Cancer de la prostate : la question de l’utilité du dépistage se pose
Généralement, le monde médical conseille fortement le dépistage, car, traiter au plus tôt une maladie, c’est accroître le taux de survie. Pour le cancer de la prostate, le discours n’est pas le même.
De l’ordre de 25.000 par an en 2009 et 2011, les prostatectomies (ablations de la prostate) ont chuté à 21.800 en 2012 pour atteindre 19.600 en 2014, précise l’étude publiée dans le Bulletin épidémiologique hebdomadaire (BEH) de l’Institut de veille sanitaire (InVS).
Réalisée par la Caisse nationale de l’assurance maladie des travailleurs salariés (Cnamts) et des médecins de l’Association française d’urologie, l’étude révèle également une baisse des dosages annuels du PSA (prostate specific antigen) chez les hommes de plus de 40 ans – qui sont passés de 30% en 2009 à 27% en 2014 – tandis que les biopsies ne concernent plus que 40.000 hommes en 2014 contre 60.000 en 2009.
Un dépistage susceptible d’entraîner un sur-traitement
Pour de nombreuses maladies, les professionnels de la Santé ne cessent d’informer les Français. Ces derniers doivent suivre régulièrement les directives en matière de dépistage pour accroître les chances de guérison. En effet, en prenant la maladie dès le premier stade, il sera plus facile de l’éradiquer. Toutefois, nous apprenons que le discours pour le cancer de la prostate n’est pas identique. Le dépistage aurait tendance à être accompagné d’un risque de sur-traitement. Il ne comporterait donc pas autant de bénéfices que prévu.
Mieux informer et moins dépister le cancer de la prostate ?
La question de l’utilité se pose, la réponse de l’Assurance maladie et de l’Institut national du cancer est très simple.
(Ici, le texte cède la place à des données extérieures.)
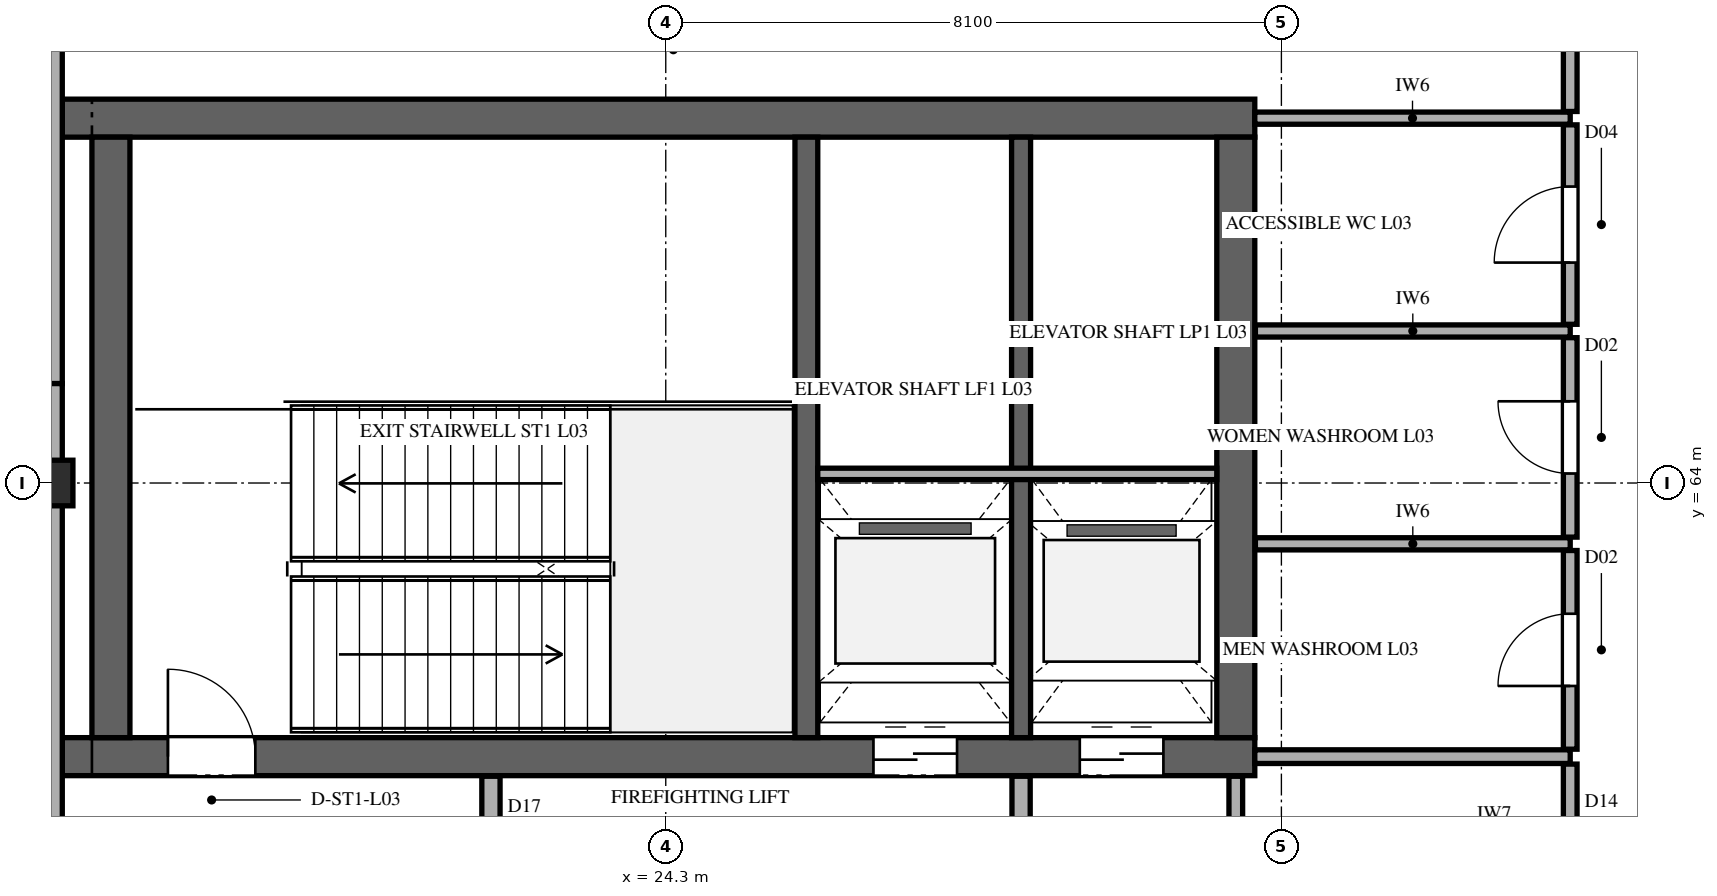
"""IFC4 building model, lengths in metres.
Left out: names, types, materials, properties, quantities, classifications, styles, units other than length and angle.
Written with IfcOpenShell. Run it as: python <this file> out.ifc"""

import sys

from ifc_helpers import new_model, si_unit, direction, frame, frame_2d, origin, origin_2d, place, context, subcontext, project, spatial, rectangle, extrude, element, fill, save


model = new_model("IFC4")
c1 = context("Model", 3, precision=1e-05, world=origin(), true_north=direction((0.0, 1.0)))
c2 = subcontext(c1, "Body", "Model", "MODEL_VIEW")
j1 = project(units=[si_unit("LENGTHUNIT", "METRE"), si_unit("PLANEANGLEUNIT", "RADIAN")], contexts=[c1])
p1 = place(None, origin())
s1 = spatial("IfcSite", under=j1, at=p1, CompositionType="ELEMENT")
p2 = place(p1, origin())
s2 = spatial("IfcBuilding", under=s1, at=p2, CompositionType="ELEMENT")
p3 = place(p2, frame((0.0, 0.0, 14.7)))
s3 = spatial("IfcBuildingStorey", under=s2, at=p3, CompositionType="ELEMENT", Elevation=14.7)
p4 = place(p3, frame((16.36, 60.4, 0.0), z_axis=(0.0, 0.0, 1.0), x_axis=(1.0, 0.0, 0.0)))
e1 = element("IfcWall", 1, at=p4, inside=s3, PredefinedType="SHEAR", context=c2, shape_type="SweptSolid", body=[
    extrude(rectangle(XDim=15.69, YDim=0.5, at=frame_2d((7.845, 0.0))), origin(), (0.0, 0.0, 1.0), 5.1),
])
p5 = place(p4, frame((1.39, 0.0, 0.0)))
e2 = element("IfcOpeningElement", 2, at=p5, cuts=e1, PredefinedType="OPENING", context=c2, shape_type="SweptSolid", body=[
    extrude(rectangle(XDim=1.15, YDim=2.25, at=frame_2d((0.575, 1.125))), frame((0.0, 0.26, 0.0), z_axis=(0.0, -1.0, 0.0), x_axis=(1.0, 0.0, 0.0)), (0.0, 0.0, 1.0), 0.52),
])
p6 = place(p4, frame((10.673, 0.0, 0.0)))
e3 = element("IfcOpeningElement", 3, at=p6, cuts=e1, PredefinedType="OPENING", context=c2, shape_type="SweptSolid", body=[
    extrude(rectangle(XDim=1.1, YDim=2.2, at=frame_2d((0.55, 1.1))), frame((0.0, 0.26, 0.0), z_axis=(0.0, -1.0, 0.0), x_axis=(1.0, 0.0, 0.0)), (0.0, 0.0, 1.0), 0.52),
])
p7 = place(p4, frame((13.387, 0.0, 0.0)))
e4 = element("IfcOpeningElement", 4, at=p7, cuts=e1, PredefinedType="OPENING", context=c2, shape_type="SweptSolid", body=[
    extrude(rectangle(XDim=1.1, YDim=2.2, at=frame_2d((0.55, 1.1))), frame((0.0, 0.26, 0.0), z_axis=(0.0, -1.0, 0.0), x_axis=(1.0, 0.0, 0.0)), (0.0, 0.0, 1.0), 0.52),
])
p8 = place(p3, frame((16.36, 68.8, 0.0), z_axis=(0.0, 0.0, 1.0), x_axis=(1.0, 0.0, 0.0)))
e5 = element("IfcWall", 5, at=p8, inside=s3, PredefinedType="SHEAR", context=c2, shape_type="SweptSolid", body=[
    extrude(rectangle(XDim=15.69, YDim=0.5, at=frame_2d((7.845, 0.0))), origin(), (0.0, 0.0, 1.0), 5.1),
])
for number, where, z_axis, x_axis in (
    (6, (17.0, 60.65, 0.0), (0.0, 0.0, 1.0), (0.0, 1.0, 0.0)),
    (7, (31.8, 60.65, 0.0), (0.0, 0.0, 1.0), (0.0, 1.0, 0.0)),
):
    element("IfcWall", number, at=place(p3, frame(where, z_axis=z_axis, x_axis=x_axis)), inside=s3, PredefinedType="SHEAR", context=c2, shape_type="SweptSolid", body=[
        extrude(rectangle(XDim=7.9, YDim=0.5, at=frame_2d((3.95, 0.0))), origin(), (0.0, 0.0, 1.0), 5.1),
    ])
p9 = place(p3, frame((26.15, 60.65, 0.0), z_axis=(0.0, 0.0, 1.0), x_axis=(0.0, 1.0, 0.0)))
e8 = element("IfcWall", 8, at=p9, inside=s3, PredefinedType="SHEAR", context=c2, shape_type="SweptSolid", body=[
    extrude(rectangle(XDim=7.9, YDim=0.3, at=frame_2d((3.95, 0.0))), origin(), (0.0, 0.0, 1.0), 5.1),
])
p10 = place(p3, frame((28.975, 60.65, 0.0), z_axis=(0.0, 0.0, 1.0), x_axis=(0.0, 1.0, 0.0)))
e9 = element("IfcWall", 9, at=p10, inside=s3, PredefinedType="SHEAR", context=c2, shape_type="SweptSolid", body=[
    extrude(rectangle(XDim=7.9, YDim=0.25, at=frame_2d((3.95, 0.0))), origin(), (0.0, 0.0, 1.0), 5.1),
])
p11 = place(p3, frame((16.2, 64.0, 0.0), z_axis=(0.0, 0.0, 1.0), x_axis=(1.0, 0.0, 0.0)))
e10 = element("IfcColumn", 10, at=p11, inside=s3, PredefinedType="COLUMN", context=c2, shape_type="SweptSolid", body=[
    extrude(rectangle(XDim=0.6, YDim=0.6, at=origin_2d()), origin(), (0.0, 0.0, 1.0), 5.1),
])
p12 = place(p3, frame((16.2, 80.872, 0.0), z_axis=(0.0, 0.0, 1.0), x_axis=(0.0, -1.0, 0.0)))
e11 = element("IfcWall", 11, at=p12, inside=s3, PredefinedType="SOLIDWALL", context=c2, shape_type="SweptSolid", body=[
    extrude(rectangle(XDim=15.564, YDim=0.32, at=frame_2d((7.782, 0.0))), origin(), (0.0, 0.0, 1.0), 4.332),
])
p13 = place(p12, frame((3.6, 0.0, 0.95)))
e12 = element("IfcOpeningElement", 12, at=p13, cuts=e11, PredefinedType="OPENING", context=c2, shape_type="SweptSolid", body=[
    extrude(rectangle(XDim=3.6, YDim=1.8, at=frame_2d((1.8, 0.9))), frame((0.0, 0.17, 0.0), z_axis=(0.0, -1.0, 0.0), x_axis=(1.0, 0.0, 0.0)), (0.0, 0.0, 1.0), 0.34),
])
p14 = place(p3, frame((16.2, 65.308, 0.0), z_axis=(0.0, 0.0, 1.0), x_axis=(0.0, -1.0, 0.0)))
e13 = element("IfcWall", 13, at=p14, inside=s3, PredefinedType="SOLIDWALL", context=c2, shape_type="SweptSolid", body=[
    extrude(rectangle(XDim=15.564, YDim=0.32, at=frame_2d((7.782, 0.0))), origin(), (0.0, 0.0, 1.0), 4.332),
])
p15 = place(p3, frame((26.3, 64.12, 0.0), z_axis=(0.0, 0.0, 1.0), x_axis=(1.0, 0.0, 0.0)))
e14 = element("IfcWall", 14, at=p15, inside=s3, PredefinedType="PARTITIONING", context=c2, shape_type="SweptSolid", body=[
    extrude(rectangle(XDim=5.25, YDim=0.15, at=frame_2d((2.625, 0.0))), origin(), (0.0, 0.0, 1.0), 4.84),
])
p16 = place(p3, frame((32.05, 60.4, 0.0), z_axis=(0.0, 0.0, 1.0), x_axis=(1.0, 0.0, 0.0)))
e15 = element("IfcWall", 15, at=p16, inside=s3, PredefinedType="PARTITIONING", context=c2, shape_type="SweptSolid", body=[
    extrude(rectangle(XDim=4.15, YDim=0.18, at=frame_2d((2.075, 0.0))), origin(), (0.0, 0.0, 1.0), 4.84),
])
for number, where, z_axis, x_axis in (
    (16, (32.058, 63.2, 0.0), (0.0, 0.0, 1.0), (1.0, 0.0, 0.0)),
    (17, (32.058, 66.0, 0.0), (0.0, 0.0, 1.0), (1.0, 0.0, 0.0)),
):
    element("IfcWall", number, at=place(p3, frame(where, z_axis=z_axis, x_axis=x_axis)), inside=s3, PredefinedType="PARTITIONING", context=c2, shape_type="SweptSolid", body=[
        extrude(rectangle(XDim=4.142, YDim=0.16, at=frame_2d((2.071, 0.0))), origin(), (0.0, 0.0, 1.0), 4.84),
    ])
p17 = place(p3, frame((32.05, 68.8, 0.0), z_axis=(0.0, 0.0, 1.0), x_axis=(1.0, 0.0, 0.0)))
e18 = element("IfcWall", 18, at=p17, inside=s3, PredefinedType="PARTITIONING", context=c2, shape_type="SweptSolid", body=[
    extrude(rectangle(XDim=4.15, YDim=0.16, at=frame_2d((2.075, 0.0))), origin(), (0.0, 0.0, 1.0), 4.84),
])
p18 = place(p3, frame((22.0, 56.928, 0.0), z_axis=(0.0, 0.0, 1.0), x_axis=(0.0, 1.0, 0.0)))
e19 = element("IfcWall", 19, at=p18, inside=s3, PredefinedType="PARTITIONING", context=c2, shape_type="SweptSolid", body=[
    extrude(rectangle(XDim=3.214, YDim=0.24, at=frame_2d((1.607, 0.0))), origin(), (0.0, 0.0, 1.0), 4.84),
])
p19 = place(p18, frame((1.107, 0.0, 0.0)))
e20 = element("IfcOpeningElement", 20, at=p19, cuts=e19, PredefinedType="OPENING", context=c2, shape_type="SweptSolid", body=[
    extrude(rectangle(XDim=1.0, YDim=2.2, at=frame_2d((0.5, 1.1))), frame((0.0, 0.13, 0.0), z_axis=(0.0, -1.0, 0.0), x_axis=(1.0, 0.0, 0.0)), (0.0, 0.0, 1.0), 0.26),
])
p20 = place(p3, frame((28.975, 56.928, 0.0), z_axis=(0.0, 0.0, 1.0), x_axis=(0.0, 1.0, 0.0)))
e21 = element("IfcWall", 21, at=p20, inside=s3, PredefinedType="PARTITIONING", context=c2, shape_type="SweptSolid", body=[
    extrude(rectangle(XDim=3.214, YDim=0.24, at=frame_2d((1.607, 0.0))), origin(), (0.0, 0.0, 1.0), 4.84),
])
p21 = place(p3, frame((31.8, 56.898, 0.0), z_axis=(0.0, 0.0, 1.0), x_axis=(0.0, 1.0, 0.0)))
e22 = element("IfcWall", 22, at=p21, inside=s3, PredefinedType="PARTITIONING", context=c2, shape_type="SweptSolid", body=[
    extrude(rectangle(XDim=3.244, YDim=0.18, at=frame_2d((1.622, 0.0))), origin(), (0.0, 0.0, 1.0), 4.84),
])
p22 = place(p3, frame((36.2, 56.898, 0.0), z_axis=(0.0, 0.0, 1.0), x_axis=(0.0, 1.0, 0.0)))
e23 = element("IfcWall", 23, at=p22, inside=s3, PredefinedType="PARTITIONING", context=c2, shape_type="SweptSolid", body=[
    extrude(rectangle(XDim=3.404, YDim=0.18, at=frame_2d((1.702, 0.0))), origin(), (0.0, 0.0, 1.0), 4.84),
])
p23 = place(p22, frame((1.202, 0.0, 0.0)))
e24 = element("IfcOpeningElement", 24, at=p23, cuts=e23, PredefinedType="OPENING", context=c2, shape_type="SweptSolid", body=[
    extrude(rectangle(XDim=1.0, YDim=2.15, at=frame_2d((0.5, 1.075))), frame((0.0, 0.1, 0.0), z_axis=(0.0, -1.0, 0.0), x_axis=(1.0, 0.0, 0.0)), (0.0, 0.0, 1.0), 0.2),
])
p24 = place(p3, frame((36.2, 60.498, 0.0), z_axis=(0.0, 0.0, 1.0), x_axis=(0.0, 1.0, 0.0)))
e25 = element("IfcWall", 25, at=p24, inside=s3, PredefinedType="PARTITIONING", context=c2, shape_type="SweptSolid", body=[
    extrude(rectangle(XDim=2.614, YDim=0.18, at=frame_2d((1.307, 0.0))), origin(), (0.0, 0.0, 1.0), 4.84),
])
p25 = place(p24, frame((0.832, 0.0, 0.0)))
e26 = element("IfcOpeningElement", 26, at=p25, cuts=e25, PredefinedType="OPENING", context=c2, shape_type="SweptSolid", body=[
    extrude(rectangle(XDim=0.95, YDim=2.1, at=frame_2d((0.475, 1.05))), frame((0.0, 0.1, 0.0), z_axis=(0.0, -1.0, 0.0), x_axis=(1.0, 0.0, 0.0)), (0.0, 0.0, 1.0), 0.2),
])
p26 = place(p3, frame((36.2, 63.288, 0.0), z_axis=(0.0, 0.0, 1.0), x_axis=(0.0, 1.0, 0.0)))
e27 = element("IfcWall", 27, at=p26, inside=s3, PredefinedType="PARTITIONING", context=c2, shape_type="SweptSolid", body=[
    extrude(rectangle(XDim=2.624, YDim=0.18, at=frame_2d((1.312, 0.0))), origin(), (0.0, 0.0, 1.0), 4.84),
])
p27 = place(p26, frame((0.837, 0.0, 0.0)))
e28 = element("IfcOpeningElement", 28, at=p27, cuts=e27, PredefinedType="OPENING", context=c2, shape_type="SweptSolid", body=[
    extrude(rectangle(XDim=0.95, YDim=2.1, at=frame_2d((0.475, 1.05))), frame((0.0, 0.1, 0.0), z_axis=(0.0, -1.0, 0.0), x_axis=(1.0, 0.0, 0.0)), (0.0, 0.0, 1.0), 0.2),
])
p28 = place(p3, frame((36.2, 66.088, 0.0), z_axis=(0.0, 0.0, 1.0), x_axis=(0.0, 1.0, 0.0)))
e29 = element("IfcWall", 29, at=p28, inside=s3, PredefinedType="PARTITIONING", context=c2, shape_type="SweptSolid", body=[
    extrude(rectangle(XDim=2.624, YDim=0.18, at=frame_2d((1.312, 0.0))), origin(), (0.0, 0.0, 1.0), 4.84),
])
p29 = place(p28, frame((0.812, 0.0, 0.0)))
e30 = element("IfcOpeningElement", 30, at=p29, cuts=e29, PredefinedType="OPENING", context=c2, shape_type="SweptSolid", body=[
    extrude(rectangle(XDim=1.0, YDim=2.15, at=frame_2d((0.5, 1.075))), frame((0.0, 0.1, 0.0), z_axis=(0.0, -1.0, 0.0), x_axis=(1.0, 0.0, 0.0)), (0.0, 0.0, 1.0), 0.2),
])
p30 = place(p3, frame((36.2, 68.888, 0.0), z_axis=(0.0, 0.0, 1.0), x_axis=(0.0, 1.0, 0.0)))
e31 = element("IfcWall", 31, at=p30, inside=s3, PredefinedType="PARTITIONING", context=c2, shape_type="SweptSolid", body=[
    extrude(rectangle(XDim=14.504, YDim=0.18, at=frame_2d((7.252, 0.0))), origin(), (0.0, 0.0, 1.0), 4.529),
])
p31 = place(p30, frame((6.702, 0.0, 0.0)))
e32 = element("IfcOpeningElement", 32, at=p31, cuts=e31, PredefinedType="OPENING", context=c2, shape_type="SweptSolid", body=[
    extrude(rectangle(XDim=1.1, YDim=2.2, at=frame_2d((0.55, 1.1))), frame((0.0, 0.1, 0.0), z_axis=(0.0, -1.0, 0.0), x_axis=(1.0, 0.0, 0.0)), (0.0, 0.0, 1.0), 0.2),
])
p32 = place(p5, origin())
e33 = element("IfcDoor", 33, at=p32, inside=s3, OperationType="SINGLE_SWING_LEFT", PredefinedType="DOOR", context=c2, shape_type="SweptSolid", body=[
    extrude(rectangle(XDim=1.15, YDim=2.25, at=frame_2d((0.575, 1.125))), frame((0.0, 0.025, 0.0), z_axis=(0.0, -1.0, 0.0), x_axis=(1.0, 0.0, 0.0)), (0.0, 0.0, 1.0), 0.05),
])
fill(e2, e33)
p33 = place(p6, frame((1.1, 0.0, 0.0), z_axis=(0.0, 0.0, 1.0), x_axis=(-1.0, 0.0, 0.0)))
e34 = element("IfcDoor", 34, at=p33, inside=s3, OperationType="DOUBLE_DOOR_SLIDING", PredefinedType="DOOR", context=c2, shape_type="SweptSolid", body=[
    extrude(rectangle(XDim=1.1, YDim=2.2, at=frame_2d((0.55, 1.1))), frame((0.0, 0.025, 0.0), z_axis=(0.0, -1.0, 0.0), x_axis=(1.0, 0.0, 0.0)), (0.0, 0.0, 1.0), 0.05),
])
fill(e3, e34)
p34 = place(p7, frame((1.1, 0.0, 0.0), z_axis=(0.0, 0.0, 1.0), x_axis=(-1.0, 0.0, 0.0)))
e35 = element("IfcDoor", 35, at=p34, inside=s3, OperationType="DOUBLE_DOOR_SLIDING", PredefinedType="DOOR", context=c2, shape_type="SweptSolid", body=[
    extrude(rectangle(XDim=1.1, YDim=2.2, at=frame_2d((0.55, 1.1))), frame((0.0, 0.025, 0.0), z_axis=(0.0, -1.0, 0.0), x_axis=(1.0, 0.0, 0.0)), (0.0, 0.0, 1.0), 0.05),
])
fill(e4, e35)
p35 = place(p25, origin())
e36 = element("IfcDoor", 36, at=p35, inside=s3, OperationType="SINGLE_SWING_LEFT", PredefinedType="DOOR", context=c2, shape_type="SweptSolid", body=[
    extrude(rectangle(XDim=0.95, YDim=2.1, at=frame_2d((0.475, 1.05))), frame((0.0, 0.025, 0.0), z_axis=(0.0, -1.0, 0.0), x_axis=(1.0, 0.0, 0.0)), (0.0, 0.0, 1.0), 0.05),
])
fill(e26, e36)
p36 = place(p27, origin())
e37 = element("IfcDoor", 37, at=p36, inside=s3, OperationType="SINGLE_SWING_RIGHT", PredefinedType="DOOR", context=c2, shape_type="SweptSolid", body=[
    extrude(rectangle(XDim=0.95, YDim=2.1, at=frame_2d((0.475, 1.05))), frame((0.0, 0.025, 0.0), z_axis=(0.0, -1.0, 0.0), x_axis=(1.0, 0.0, 0.0)), (0.0, 0.0, 1.0), 0.05),
])
fill(e28, e37)
p37 = place(p29, origin())
e38 = element("IfcDoor", 38, at=p37, inside=s3, OperationType="SINGLE_SWING_LEFT", PredefinedType="DOOR", context=c2, shape_type="SweptSolid", body=[
    extrude(rectangle(XDim=1.0, YDim=2.15, at=frame_2d((0.5, 1.075))), frame((0.0, 0.025, 0.0), z_axis=(0.0, -1.0, 0.0), x_axis=(1.0, 0.0, 0.0)), (0.0, 0.0, 1.0), 0.05),
])
fill(e30, e38)
save(model, sys.argv[1])

Ce dépistage comporterait plus de risques, mais la décision d’un tel dépistage demande une réelle réflexion. Dès 50 ans, les hommes doivent être informés des risques encourus par rapport à la prostate, mais il serait inutile d’opter pour le diagnostic sans quelques informations au préalable. Ce ne sont pas les seuls qui doivent être informés de la situation, l’Institut national du cancer estime que les médecins sont eux aussi invités à se documenter sur le rapport risque/bénéfice du dépistage du cancer de la prostate.
Les désagréments du traitement du cancer de la prostate
Cette version des faits est assez surprenante puisqu’elle va à l’encontre de celle transmise par les urologues. Cette affaire est de ce fait complexe, car si les professionnels de la Santé ne peuvent pas renseigner les patients, qui pourra le faire ? L’Assurance maladie et l’Inca sont conscients de ce contexte flou, ils ont donc proposé des brochures. Elles visent à renseigner toutes les parties dans le but d’effectuer le choix le plus judicieux. Les hommes pourront également connaitre les différentes méthodes de dépistage : le dosage du PSA et le toucher rectal. Si les premières analyses sont positives, il est indispensable d’effectuer une biopsie. Le patient subit ainsi une anesthésie locale, les médecins procèdent au prélèvement d’un échantillon de la prostate.
En parallèle, les traitements sont également nocifs, car ils comportent plusieurs effets secondaires, dont des troubles de l’érection. C’est pour cette raison que le sur-traitement n’est pas une bonne idée surtout lorsque l’on apprend qu’il s’agit d’un cancer latent qui ne nécessite pas forcément un soin.
10 à 20% des cancers de la prostate détectés à un stade précoce étaient sur-traités en France
La forte hausse des nouveaux cas jusqu’à la fin des années 2000 est attribuée par les autorités sanitaires à un développement rapide des dosages de PSA et des biopsies qui ont conduit à diagnostiquer un nombre accru de petits cancers chez des hommes très âgés.
Ces derniers ont été opérés alors même qu’ils n’auraient probablement eu aucun symptôme de leur vivant, le cancer de la prostate pouvant mettre une dizaine d’années en moyenne pour se développer.
En 2013, une étude de l’Inserm avait estimé qu’entre 10 à 20% des cancers de la prostate détectés à un stade précoce étaient sur-traités en France, soit 3.000 à 5.000 hommes au total, traités par chirurgie ou radiothérapie, avec des effets secondaires incluant l’impuissance ou l’incontinence.
Dans leur étude, les chercheurs reconnaissent qu’une “évolution des pratiques visant à limiter le sur-diagnostic et le sur-traitement semble amorcée” aujourd’hui, en dépit de résultats encore limités pour le test PSA.
Mais ils observent également un recours de plus en plus important aux IRM depuis le début des années 2010, alors que la place de cette imagerie “doit encore être évaluée”.